Compute the total cost value for nodes that depends only on the state.

It updates the total cost based on the state only. This function is used in the terminal nodes of an optimal control problem.

Parameters:
  • data[in] Cost data

  • x[in] State point \(\mathbf{x}\in\mathbb{R}^{ndx}\)

virtual void calcDiff(const std::shared_ptr<CostDataAbstract> &data, const Eigen::Ref<const VectorXs> &x, const Eigen::Ref<const VectorXs> &u) = 0

Compute the Jacobian and Hessian of cost and its residual vector.

It computes the Jacobian and Hessian of the cost function. It assumes that calc() has been run first.

Parameters:
  • data[in] Cost data

  • x[in] State point \(\mathbf{x}\in\mathbb{R}^{ndx}\)

  • u[in] Control input \(\mathbf{u}\in\mathbb{R}^{nu}\)

virtual void calcDiff(const std::shared_ptr<CostDataAbstract> &data, const Eigen::Ref<const VectorXs> &x)

Compute the Jacobian and Hessian of the cost functions with respect to the state only.

It updates the Jacobian and Hessian of the cost function based on the state only. This function is used in the terminal nodes of an optimal control problem.

Parameters:
  • data[in] Cost data

  • x[in] State point \(\mathbf{x}\in\mathbb{R}^{ndx}\)

virtual std::shared_ptr<CostDataAbstract> createData(DataCollectorAbstract *const data)

Create the cost data.

The default data contains objects to store the values of the cost, residual vector and their derivatives (first and second order derivatives). However, it is possible to specialize this function if we need to create additional data, for instance, to avoid dynamic memory allocation.

Parameters:

data – Data collector

Returns:

the cost data

const std::shared_ptr<StateAbstract> &get_state() const

Return the state.

const std::shared_ptr<ActivationModelAbstract> &get_activation() const

Return the activation model.

const std::shared_ptr<ResidualModelAbstract> &get_residual() const

Return the residual model.

std::size_t get_nu() const

Return the dimension of the control input.

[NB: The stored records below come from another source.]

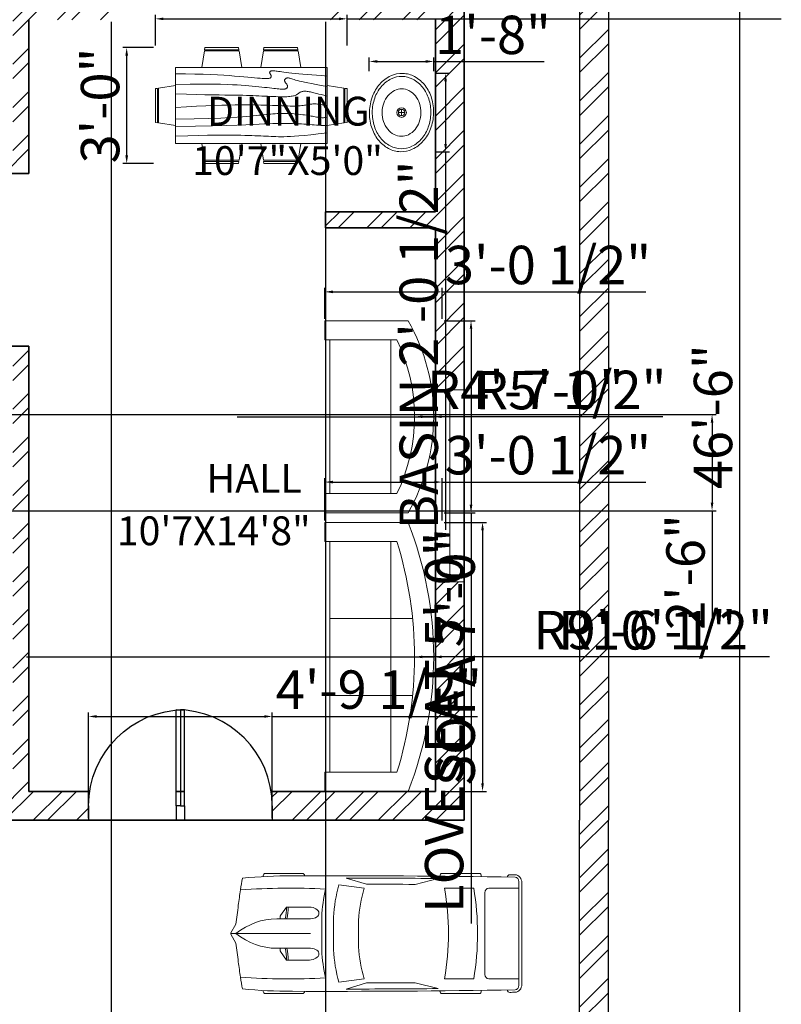
# Model space of a CAD drawing. Units: inches. Extents: x 2588 to 3237, y 2402 to 3178.
# Tile 3 of 4: x 2878 to 3115, y 2568 to 2876. Entities that reach past the tile are written whole.
import ezdxf

# ---------------------------------------------------------------- set-up
doc = ezdxf.new("R2010")
doc.units = ezdxf.units.IN
for name, color, linetype, lineweight in [('A-ANNO-DIMS', 2, 'Continuous', 18), ('A-AREA-IDEN', 7, 'Continuous', 25), ('A-DOOR', 3, 'Continuous', 25), ('A-FLOR-FIXT', 9, 'Continuous', 18), ('A-FURN', 8, 'Continuous', 18), ('A-GLAZ', 4, 'Continuous', 18), ('A-WALL-PATT', 252, 'Continuous', 13), ('C-PRKG-VEHI', 8, 'Continuous', 18), ('L-WALL', 7, 'Continuous', 30), ('L-WALL-PATT', 252, 'Continuous', 13), ('wall', 210, 'Continuous', 35)]:
    doc.layers.add(name, color=color, linetype=linetype, lineweight=lineweight)
doc.styles.get("Standard").update_dxf_attribs({"font": 'arial.ttf'})
doc.dimstyles.new('ISO-25', dxfattribs={"dimtxt": 12, "dimasz": 2.5, "dimexe": 1.25, "dimexo": 0.625, "dimtad": 1, "dimdec": 1, "dimlunit": 4, "dimtxsty": 'Standard', "dimcen": 2.5, "dimadec": 0, "dimazin": 0, "dimtfac": 1, "dimtdec": 1, "dimtmove": 0, "dimatfit": 3, "dimfxl": 1, "dimarcsym": 0})

# ---------------------------------------------------------------- blocks, each defined once
blk = doc.blocks.new('Dining Set - 36 x 72 in.')
for p, q in [((-22.2343, 26.00059), (-23.4847, 17.99762)), ((-22.2304, 26), (-5.7608, 26)), ((-22, 27.5), (-22.1562, 26.50042)), ((-5.8416, 26.5), (-22.1534, 26.5)), ((-22, 27.5), (-6, 27.5)), ((-5.8437, 26.49966), (-6, 27.5)), ((-4.5152, 17.99762), (-5.7655, 25.99926)), ((5.7657, 26.00059), (4.5153, 17.99762)), ((5.7696, 26), (22.2392, 26)), ((6, 27.5), (5.8438, 26.50042)), ((22.1584, 26.5), (5.8466, 26.5)), ((6, 27.5), (22, 27.5)), ((22.1563, 26.49966), (22, 27.5)), ((23.4848, 17.99762), (22.2345, 25.99926)), ((36, 18), (-36, 18)), ((-36, 18), (-36, -18)), ((36, -18), (36, 18)), ((-44.0006, 8.23428), (-35.9976, 9.48474)), ((44.0006, 8.23428), (35.9976, 9.48474)), ((-45.5, 8), (-44.5004, 8.15617)), ((-45.5, 8), (-45.5, -8)), ((-44.5, -8.15843), (-44.5, 8.15338)), ((-44, 8.23041), (-44, -8.23915)), ((44, 8.23041), (44, -8.23915)), ((44.5, -8.15843), (44.5, 8.15338)), ((45.5, 8), (44.5005, 8.15617)), ((45.5, 8), (45.5, -8)), ((-44.4997, -8.15631), (-45.5, -8)), ((-35.9976, -9.48476), (-43.9993, -8.2345)), ((35.9976, -9.48476), (43.9993, -8.2345)), ((44.4997, -8.15631), (45.5, -8)), ((-36, -18), (36, -18)), ((-22.2343, -26.0006), (-23.4847, -17.99762)), ((-4.5152, -17.99762), (-5.7655, -25.99928)), ((5.7657, -26.0006), (4.5153, -17.99762)), ((23.4848, -17.99762), (22.2345, -25.99928)), ((-22.2304, -26), (-5.7608, -26)), ((-22, -27.5), (-22.1562, -26.50044)), ((-5.8416, -26.5), (-22.1534, -26.5)), ((-22, -27.5), (-6, -27.5)), ((-5.8437, -26.49967), (-6, -27.5)), ((5.7696, -26), (22.2392, -26)), ((6, -27.5), (5.8438, -26.50044)), ((22.1584, -26.5), (5.8466, -26.5)), ((6, -27.5), (22, -27.5)), ((22.1563, -26.49967), (22, -27.5))]:
    blk.add_line(p, q)
for points in [[(-36, 15), (-31.1772, 14.97754), (-26.8079, 14.91406), (-22.8538, 14.81543), (-19.276, 14.6875), (-16.0362, 14.53613), (-13.0957, 14.36718), (-10.4159, 14.18652), (-7.9583, 14), (-5.6904, 13.81315), (-3.6035, 13.63021), (-1.6954, 13.45508), (0.0365, 13.29166), (1.5945, 13.14388), (2.9811, 13.01562), (4.1988, 12.9108), (5.25, 12.83333), (6.1393, 12.78613), (6.8802, 12.76823), (7.4883, 12.77767), (7.9792, 12.8125), (8.3685, 12.87077), (8.6719, 12.95052), (8.9049, 13.0498), (9.0833, 13.16666), (9.2205, 13.29899), (9.3216, 13.44401), (9.3895, 13.59879), (9.4271, 13.76041), (9.4373, 13.92594), (9.4232, 14.09245), (9.3875, 14.257), (9.3333, 14.41666), (9.2638, 14.56917), (9.1836, 14.71484), (9.0975, 14.85465), (9.0104, 14.98958), (8.9272, 15.1206), (8.8529, 15.2487), (8.7922, 15.37483), (8.75, 15.5), (8.7305, 15.62467), (8.7344, 15.74739), (8.7617, 15.86621), (8.8125, 15.97916), (8.8867, 16.08431), (8.9844, 16.17968), (9.1055, 16.26334), (9.25, 16.33333), (9.4189, 16.38802), (9.6172, 16.42708), (9.8506, 16.45052), (10.125, 16.45833), (10.4463, 16.45052), (10.8203, 16.42708), (11.2529, 16.38802), (11.75, 16.33333), (12.3184, 16.26318), (12.9694, 16.17838), (13.7151, 16.07991), (14.5677, 15.96875), (15.5395, 15.84586), (16.6426, 15.71224), (17.8893, 15.56884), (19.2917, 15.41666), (20.859, 15.25667), (22.5879, 15.08984), (24.4721, 14.91715), (26.5052, 14.73958), (28.6809, 14.5581), (30.9929, 14.3737), (33.4347, 14.18733), (36, 14)], [(-36, 10), (-28.9766, 10.14274), (-23.1725, 10.20442), (-18.4241, 10.19775), (-14.5677, 10.13541), (-11.4399, 10.03011), (-8.877, 9.89453), (-6.7154, 9.74137), (-4.7917, 9.58333), (-2.9698, 9.43082), (-1.2246, 9.28515), (0.4415, 9.14534), (2.026, 9.01041), (3.5266, 8.87939), (4.9408, 8.7513), (6.266, 8.62516), (7.5, 8.5), (8.6411, 8.37549), (9.6914, 8.2539), (10.6538, 8.13818), (11.5312, 8.03125), (12.3267, 7.93603), (13.043, 7.85547), (13.6831, 7.79248), (14.25, 7.75), (14.7471, 7.7303), (15.1797, 7.73307), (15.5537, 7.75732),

template<class ReferenceType>
void set_reference(ReferenceType ref)

Modify the cost reference.

template<class ReferenceType>
ReferenceType get_reference()

Return the cost reference.

virtual void print(std::ostream &os) const

Print relevant information of the cost model.

Parameters:

os[out] Output stream object

Public Members

EIGEN_MAKE_ALIGNED_OPERATOR_NEW typedef _Scalar Scalar

Protected Functions

virtual void set_referenceImpl(const std::type_info&, const void*)

Modify the cost reference.

virtual void get_referenceImpl(const std::type_info&, void*)

Return the cost reference.

inline CostModelAbstractTpl()

Protected Attributes

std::shared_ptr<StateAbstract> state_

State description.

std::shared_ptr<ActivationModelAbstract> activation_

Activation model.

std::shared_ptr<ResidualModelAbstract> residual_

Residual model.

std::size_t nu_

Control dimension.

VectorXs unone_

No control vector.

Friends

template<class Scalar>
friend std::ostream &operator<<(std::ostream &os, const CostModelAbstractTpl<Scalar> &model)

Print information on the cost model.